3 de jul. de 2011

Há um pássaro azul no meu coração


Joaquim me disse uma vez que o amor é um desossador de aves. Me abraçava forte enquanto dizia isso baixinho, num abraço que era quase uma gravata e me sufocava um pouco, e dizia cada vez mais baixo "olha, amor, o amor é uma coisa e tanta, é um desossador de aves, vai nos tirar a estrutura e depois nos consumir aos pouquitos" e ria, e ríamos e éramos muitos jovens.
Joaquim me dizia coisas que eu não entendia, coisas sobre o fim e o começo, coisas sobre o não ser, sobre os quereres, as nuances do mar, sobre a espiral do mundo. Joaquim me fazia coisas que eu não entendia, Joaquim me apresentava poesias, e eu o amava cada dia mais um tanto, tanto amor que poderíamos caber numa daquelas fantasias que ele gostava de inventar, jovens que éramos.

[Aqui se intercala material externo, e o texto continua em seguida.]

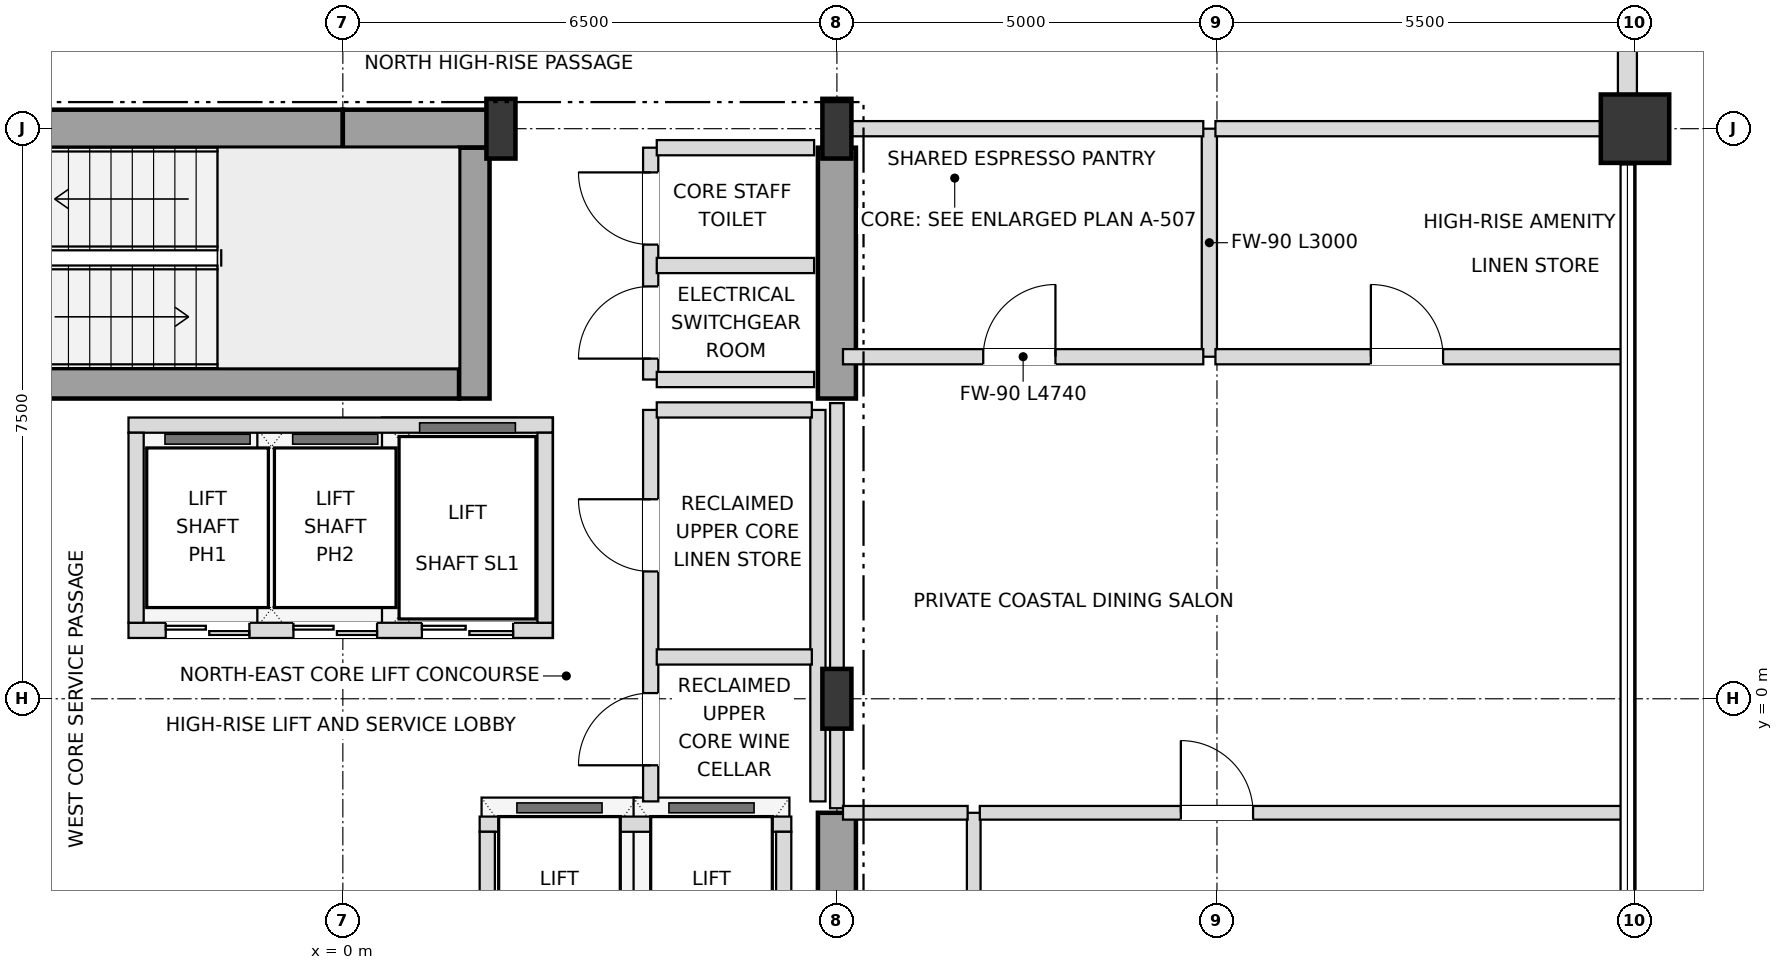
"""IFC4 building model, lengths in metres.
Left out: names, types, materials, properties, quantities, classifications, styles, units other than length and angle.
Written with IfcOpenShell. Run it as: python <this file> out.ifc"""

import sys

from ifc_helpers import new_model, si_unit, direction, frame, frame_2d, origin, origin_2d, place, context, subcontext, project, spatial, rectangle, i_section, extrude, element, fill, save


model = new_model("IFC4")
c1 = context("Model", 3, precision=1e-05, world=origin(), true_north=direction((0.0, 1.0)))
c2 = subcontext(c1, "Body", "Model", "MODEL_VIEW")
j1 = project(units=[si_unit("LENGTHUNIT", "METRE"), si_unit("PLANEANGLEUNIT", "RADIAN")], contexts=[c1])
p1 = place(None, origin())
s1 = spatial("IfcSite", under=j1, at=p1, CompositionType="ELEMENT")
p2 = place(p1, origin())
s2 = spatial("IfcBuilding", under=s1, at=p2, CompositionType="ELEMENT")
p3 = place(p2, frame((0.0, 0.0, 297.9)))
s3 = spatial("IfcBuildingStorey", under=s2, at=p3, CompositionType="ELEMENT", Elevation=297.9)
for number, where, z_axis, x_axis in (
    (1, (6.5, 0.0, 0.0), (0.0, 0.0, 1.0), (1.0, 0.0, 0.0)),
    (2, (2.08, 7.5, 0.0), (0.0, 0.0, 1.0), (1.0, 0.0, 0.0)),
    (3, (6.5, 7.5, 0.0), (0.0, 0.0, 1.0), (1.0, 0.0, 0.0)),
):
    element("IfcColumn", number, at=place(p3, frame(where, z_axis=z_axis, x_axis=x_axis)), inside=s3, PredefinedType="COLUMN", context=c2, shape_type="SweptSolid", body=[
        extrude(i_section(OverallWidth=0.382, OverallDepth=0.786, WebThickness=0.02, FlangeThickness=0.033, at=origin_2d()), origin(), (0.0, 0.0, 1.0), 3.6),
    ])
p4 = place(p3, frame((17.0, 7.5, 0.0), z_axis=(0.0, 0.0, 1.0), x_axis=(1.0, 0.0, 0.0)))
e4 = element("IfcColumn", 4, at=p4, inside=s3, PredefinedType="USERDEFINED", context=c2, shape_type="SweptSolid", body=[
    extrude(rectangle(XDim=0.9, YDim=0.9, at=origin_2d()), origin(), (0.0, 0.0, 1.0), 3.6),
])
p5 = place(p3, frame((16.9, 7.945, 0.0), z_axis=(0.0, 0.0, 1.0), x_axis=(0.0, 1.0, 0.0)))
e5 = element("IfcWall", 5, at=p5, inside=s3, PredefinedType="SOLIDWALL", context=c2, shape_type="SweptSolid", body=[
    extrude(rectangle(XDim=4.61, YDim=0.25, at=frame_2d((2.305, 0.0))), origin(), (0.0, 0.0, 1.0), 2.748),
])
p6 = place(p5, frame((1.405, 0.0, 0.72)))
e6 = element("IfcOpeningElement", 6, at=p6, cuts=e5, PredefinedType="OPENING", context=c2, shape_type="SweptSolid", body=[
    extrude(rectangle(XDim=1.8, YDim=1.68, at=frame_2d((0.9, 0.84))), frame((0.0, 0.135, 0.0), z_axis=(0.0, -1.0, 0.0), x_axis=(1.0, 0.0, 0.0)), (0.0, 0.0, 1.0), 0.27),
])
p7 = place(p3, frame((-6.75, 7.5, 0.0), z_axis=(0.0, 0.0, 1.0), x_axis=(1.0, 0.0, 0.0)))
e7 = element("IfcWall", 7, at=p7, inside=s3, PredefinedType="SHEAR", context=c2, shape_type="SweptSolid", body=[
    extrude(rectangle(XDim=6.75, YDim=0.5, at=frame_2d((3.375, 0.0))), origin(), (0.0, 0.0, 1.0), 3.38),
])
p8 = place(p7, frame((1.65, 0.0, 0.0)))
e8 = element("IfcOpeningElement", 8, at=p8, cuts=e7, PredefinedType="OPENING", context=c2, shape_type="SweptSolid", body=[
    extrude(rectangle(XDim=1.05, YDim=2.15, at=frame_2d((0.525, 1.075))), frame((0.0, 0.26, 0.0), z_axis=(0.0, -1.0, 0.0), x_axis=(1.0, 0.0, 0.0)), (0.0, 0.0, 1.0), 0.52),
])
p9 = place(p3, frame((0.0, 7.5, 0.0), z_axis=(0.0, 0.0, 1.0), x_axis=(1.0, 0.0, 0.0)))
e9 = element("IfcWall", 9, at=p9, inside=s3, PredefinedType="SHEAR", context=c2, shape_type="SweptSolid", body=[
    extrude(rectangle(XDim=2.08, YDim=0.5, at=frame_2d((1.04, 0.0))), origin(), (0.0, 0.0, 1.0), 3.38),
])
p10 = place(p3, frame((6.5, -7.25, 0.0), z_axis=(0.0, 0.0, 1.0), x_axis=(0.0, 1.0, 0.0)))
e10 = element("IfcWall", 10, at=p10, inside=s3, PredefinedType="SHEAR", context=c2, shape_type="SweptSolid", body=[
    extrude(rectangle(XDim=5.75, YDim=0.5, at=frame_2d((2.875, 0.0))), origin(), (0.0, 0.0, 1.0), 3.38),
])
p11 = place(p10, frame((0.85, 0.0, 0.0)))
e11 = element("IfcOpeningElement", 11, at=p11, cuts=e10, PredefinedType="OPENING", context=c2, shape_type="SweptSolid", body=[
    extrude(rectangle(XDim=1.05, YDim=2.15, at=frame_2d((0.525, 1.075))), frame((0.0, 0.26, 0.0), z_axis=(0.0, -1.0, 0.0), x_axis=(1.0, 0.0, 0.0)), (0.0, 0.0, 1.0), 0.52),
])
p12 = place(p3, frame((6.5, 3.95, 0.0), z_axis=(0.0, 0.0, 1.0), x_axis=(0.0, 1.0, 0.0)))
e12 = element("IfcWall", 12, at=p12, inside=s3, PredefinedType="SHEAR", context=c2, shape_type="SweptSolid", body=[
    extrude(rectangle(XDim=3.3, YDim=0.5, at=frame_2d((1.65, 0.0))), origin(), (0.0, 0.0, 1.0), 3.38),
])
p13 = place(p3, frame((-5.55, 4.15, 0.0), z_axis=(0.0, 0.0, 1.0), x_axis=(1.0, 0.0, 0.0)))
e13 = element("IfcWall", 13, at=p13, inside=s3, PredefinedType="SHEAR", context=c2, shape_type="SweptSolid", body=[
    extrude(rectangle(XDim=7.08, YDim=0.4, at=frame_2d((3.54, 0.0))), origin(), (0.0, 0.0, 1.0), 3.38),
])
p14 = place(p3, frame((1.73, 3.95, 0.0), z_axis=(0.0, 0.0, 1.0), x_axis=(0.0, 1.0, 0.0)))
e14 = element("IfcWall", 14, at=p14, inside=s3, PredefinedType="SHEAR", context=c2, shape_type="SweptSolid", body=[
    extrude(rectangle(XDim=3.3, YDim=0.4, at=frame_2d((1.65, 0.0))), origin(), (0.0, 0.0, 1.0), 3.38),
])
p15 = place(p3, frame((-2.82, 0.9, 0.0), z_axis=(0.0, 0.0, 1.0), x_axis=(1.0, 0.0, 0.0)))
e15 = element("IfcWall", 15, at=p15, inside=s3, PredefinedType="SOLIDWALL", context=c2, shape_type="SweptSolid", body=[
    extrude(rectangle(XDim=5.58, YDim=0.2, at=frame_2d((2.79, 0.0))), origin(), (0.0, 0.0, 1.0), 3.38),
])
p16 = place(p15, frame((0.49, 0.0, 0.0)))
e16 = element("IfcOpeningElement", 16, at=p16, cuts=e15, PredefinedType="OPENING", context=c2, shape_type="SweptSolid", body=[
    extrude(rectangle(XDim=1.1, YDim=2.15, at=frame_2d((0.55, 1.075))), frame((0.0, 0.11, 0.0), z_axis=(0.0, -1.0, 0.0), x_axis=(1.0, 0.0, 0.0)), (0.0, 0.0, 1.0), 0.22),
])
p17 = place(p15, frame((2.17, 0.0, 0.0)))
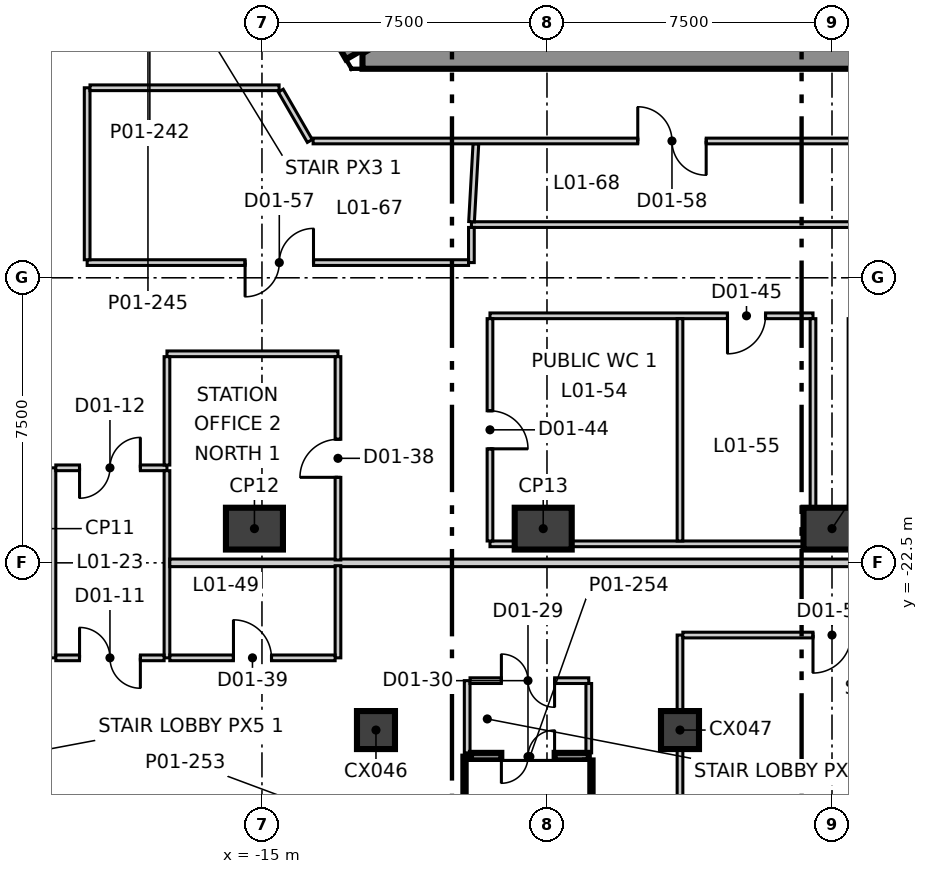
"""IFC4 building model, lengths in metres.
Left out: names, types, materials, properties, quantities, classifications, styles, units other than length and angle.
Written with IfcOpenShell. Run it as: python <this file> out.ifc"""

import sys

from ifc_helpers import new_model, si_unit, direction, frame, frame_2d, origin, origin_2d, place, context, subcontext, project, spatial, polyline, rectangle, outline, extrude, element, fill, save


model = new_model("IFC4")
c1 = context("Model", 3, precision=1e-05, world=origin(), true_north=direction((0.0, 1.0)))
c2 = subcontext(c1, "Body", "Model", "MODEL_VIEW")
j1 = project(units=[si_unit("LENGTHUNIT", "METRE"), si_unit("PLANEANGLEUNIT", "RADIAN")], contexts=[c1])
p1 = place(None, origin())
s1 = spatial("IfcSite", under=j1, at=p1, CompositionType="ELEMENT")
p2 = place(p1, origin())
s2 = spatial("IfcBuilding", under=s1, at=p2, CompositionType="ELEMENT")
p3 = place(p2, frame((0.0, 0.0, 8.5)))
s3 = spatial("IfcBuildingStorey", under=s2, at=p3, CompositionType="ELEMENT", Elevation=8.5)
p4 = place(p3, frame((-13.972, -6.2, -0.4), z_axis=(0.0, 0.0, 1.0), x_axis=(0.500077567175, -0.865980615723, 0.0)))
e1 = element("IfcWall", 1, at=p4, inside=s3, PredefinedType="SHEAR", context=c2, shape_type="SweptSolid", body=[
    extrude(outline(polyline([(-0.289, -0.5), (1.616, -0.5), (3.522, -0.5), (2.944, 0.499), (1.617, 0.5), (0.289, 0.5), (-0.289, -0.5)])), origin(), (0.0, 0.0, 1.0), 6.0),
])
p5 = place(p4, frame((0.917, 0.0, 0.4)))
e2 = element("IfcOpeningElement", 2, at=p5, cuts=e1, PredefinedType="OPENING", context=c2, shape_type="SweptSolid", body=[
    extrude(rectangle(XDim=1.4, YDim=2.1, at=frame_2d((0.7, 1.05))), frame((0.0, 0.51, 0.0), z_axis=(0.0, -1.0, 0.0), x_axis=(1.0, 0.0, 0.0)), (0.0, 0.0, 1.0), 1.02),
])
p6 = place(p3, frame((-12.355, -9.0, -0.4), z_axis=(0.0, 0.0, 1.0), x_axis=(1.0, 0.0, 0.0)))
e3 = element("IfcWall", 3, at=p6, inside=s3, PredefinedType="SHEAR", context=c2, shape_type="SweptSolid", body=[
    extrude(outline(polyline([(-0.289, -0.5), (1.656, -0.5), (3.601, -0.5), (5.547, -0.5), (7.492, -0.5), (9.437, -0.5), (11.382, -0.5), (13.328, -0.5), (15.273, -0.5), (17.218, -0.5), (19.163, -0.5), (21.109, -0.5), (23.054, -0.5), (24.999, -0.5), (24.422, 0.5), (22.566, 0.5), (20.709, 0.5), (18.853, 0.5), (16.996, 0.5), (15.14, 0.5), (13.283, 0.5), (11.427, 0.5), (9.57, 0.5), (7.714, 0.5), (5.857, 0.5), (4.001, 0.5), (2.145, 0.5), (0.288, 0.5), (-0.289, -0.5)])), origin(), (0.0, 0.0, 1.0), 6.0),
])
for number, where, z_axis, x_axis in (
    (4, (-15.198, -21.6, -0.4), (0.0, 0.0, 1.0), (1.0, 0.0, 0.0)),
    (5, (-7.599, -21.6, -0.4), (0.0, 0.0, 1.0), (1.0, 0.0, 0.0)),
    (6, (0.0, -21.6, -0.4), (0.0, 0.0, 1.0), (1.0, 0.0, 0.0)),
):
    element("IfcColumn", number, at=place(p3, frame(where, z_axis=z_axis, x_axis=x_axis)), inside=s3, PredefinedType="COLUMN", context=c2, shape_type="SweptSolid", body=[
        extrude(rectangle(XDim=1.5, YDim=1.1, at=origin_2d()), origin(), (0.0, 0.0, 1.0), 6.0),
    ])
for number, where, z_axis, x_axis in (
    (7, (-12.0, -26.9, -0.4), (0.0, 0.0, 1.0), (1.0, 0.0, 0.0)),
    (8, (-4.0, -26.9, -0.4), (0.0, 0.0, 1.0), (1.0, 0.0, 0.0)),
):
    element("IfcColumn", number, at=place(p3, frame(where, z_axis=z_axis, x_axis=x_axis)), inside=s3, PredefinedType="COLUMN", context=c2, shape_type="SweptSolid", body=[
        extrude(rectangle(XDim=1.0, YDim=1.0, at=origin_2d()), origin(), (0.0, 0.0, 1.0), 6.0),
    ])
p7 = place(p3, frame((-9.6, -27.5, 0.0), z_axis=(0.0, 0.0, 1.0), x_axis=(0.0, 1.0, 0.0)))
e9 = element("IfcWall", 9, at=p7, inside=s3, PredefinedType="PARTITIONING", context=c2, shape_type="SweptSolid", body=[
    extrude(rectangle(XDim=1.9, YDim=0.15, at=frame_2d((0.95, 0.0))), origin(), (0.0, 0.0, 1.0), 5.6),
])
p8 = place(p3, frame((-9.525, -25.6, 0.0), z_axis=(0.0, 0.0, 1.0), x_axis=(1.0, 0.0, 0.0)))
e10 = element("IfcWall", 10, at=p8, inside=s3, PredefinedType="PARTITIONING", context=c2, shape_type="SweptSolid", body=[
    extrude(rectangle(XDim=3.125, YDim=0.15, at=frame_2d((1.562, 0.0))), origin(), (0.0, 0.0, 1.0), 5.6),
])
p9 = place(p8, frame((0.825, 0.0, 0.0)))
e11 = element("IfcOpeningElement", 11, at=p9, cuts=e10, PredefinedType="OPENING", context=c2, shape_type="SweptSolid", body=[
    extrude(rectangle(XDim=1.4, YDim=2.1, at=frame_2d((0.7, 1.05))), frame((0.0, 0.085, 0.0), z_axis=(0.0, -1.0, 0.0), x_axis=(1.0, 0.0, 0.0)), (0.0, 0.0, 1.0), 0.17),
])
p10 = place(p3, frame((-6.4, -27.5, 0.0), z_axis=(0.0, 0.0, 1.0), x_axis=(0.0, 1.0, 0.0)))
e12 = element("IfcWall", 12, at=p10, inside=s3, PredefinedType="PARTITIONING", context=c2, shape_type="SweptSolid", body=[
    extrude(rectangle(XDim=1.825, YDim=0.15, at=frame_2d((0.913, 0.0))), origin(), (0.0, 0.0, 1.0), 5.6),
])
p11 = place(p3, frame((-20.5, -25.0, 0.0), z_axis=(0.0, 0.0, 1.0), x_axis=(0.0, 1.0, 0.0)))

De tanto falar e ser, Joaquim fez nascer em mim um pássaro. Um pássaro muito azul que se escondia quando ele não estava por perto e que cantava quando ele aparecia. Era um lindo pássaro azul secreto. Era um enorme pássaro azul secreto, que mais que morar em mim, me preenchia. Mas Joaquim tinha medo do desossador. E por temer, Joaquim quis livrar-se do pássaro azul que havia no meu coração. Queria ele desaparecido, escasso, fugido, antes que o amor o consumisse. E por temer, ele, tão jovem que era, tão sabido que era, não entendia daonde nascia o desossador. Azeviche foi ficando, azeviche ficou.
Há um pássaro azul no meu coração e eu tenho que tirá-lo de lá antes que Joaquim o mate.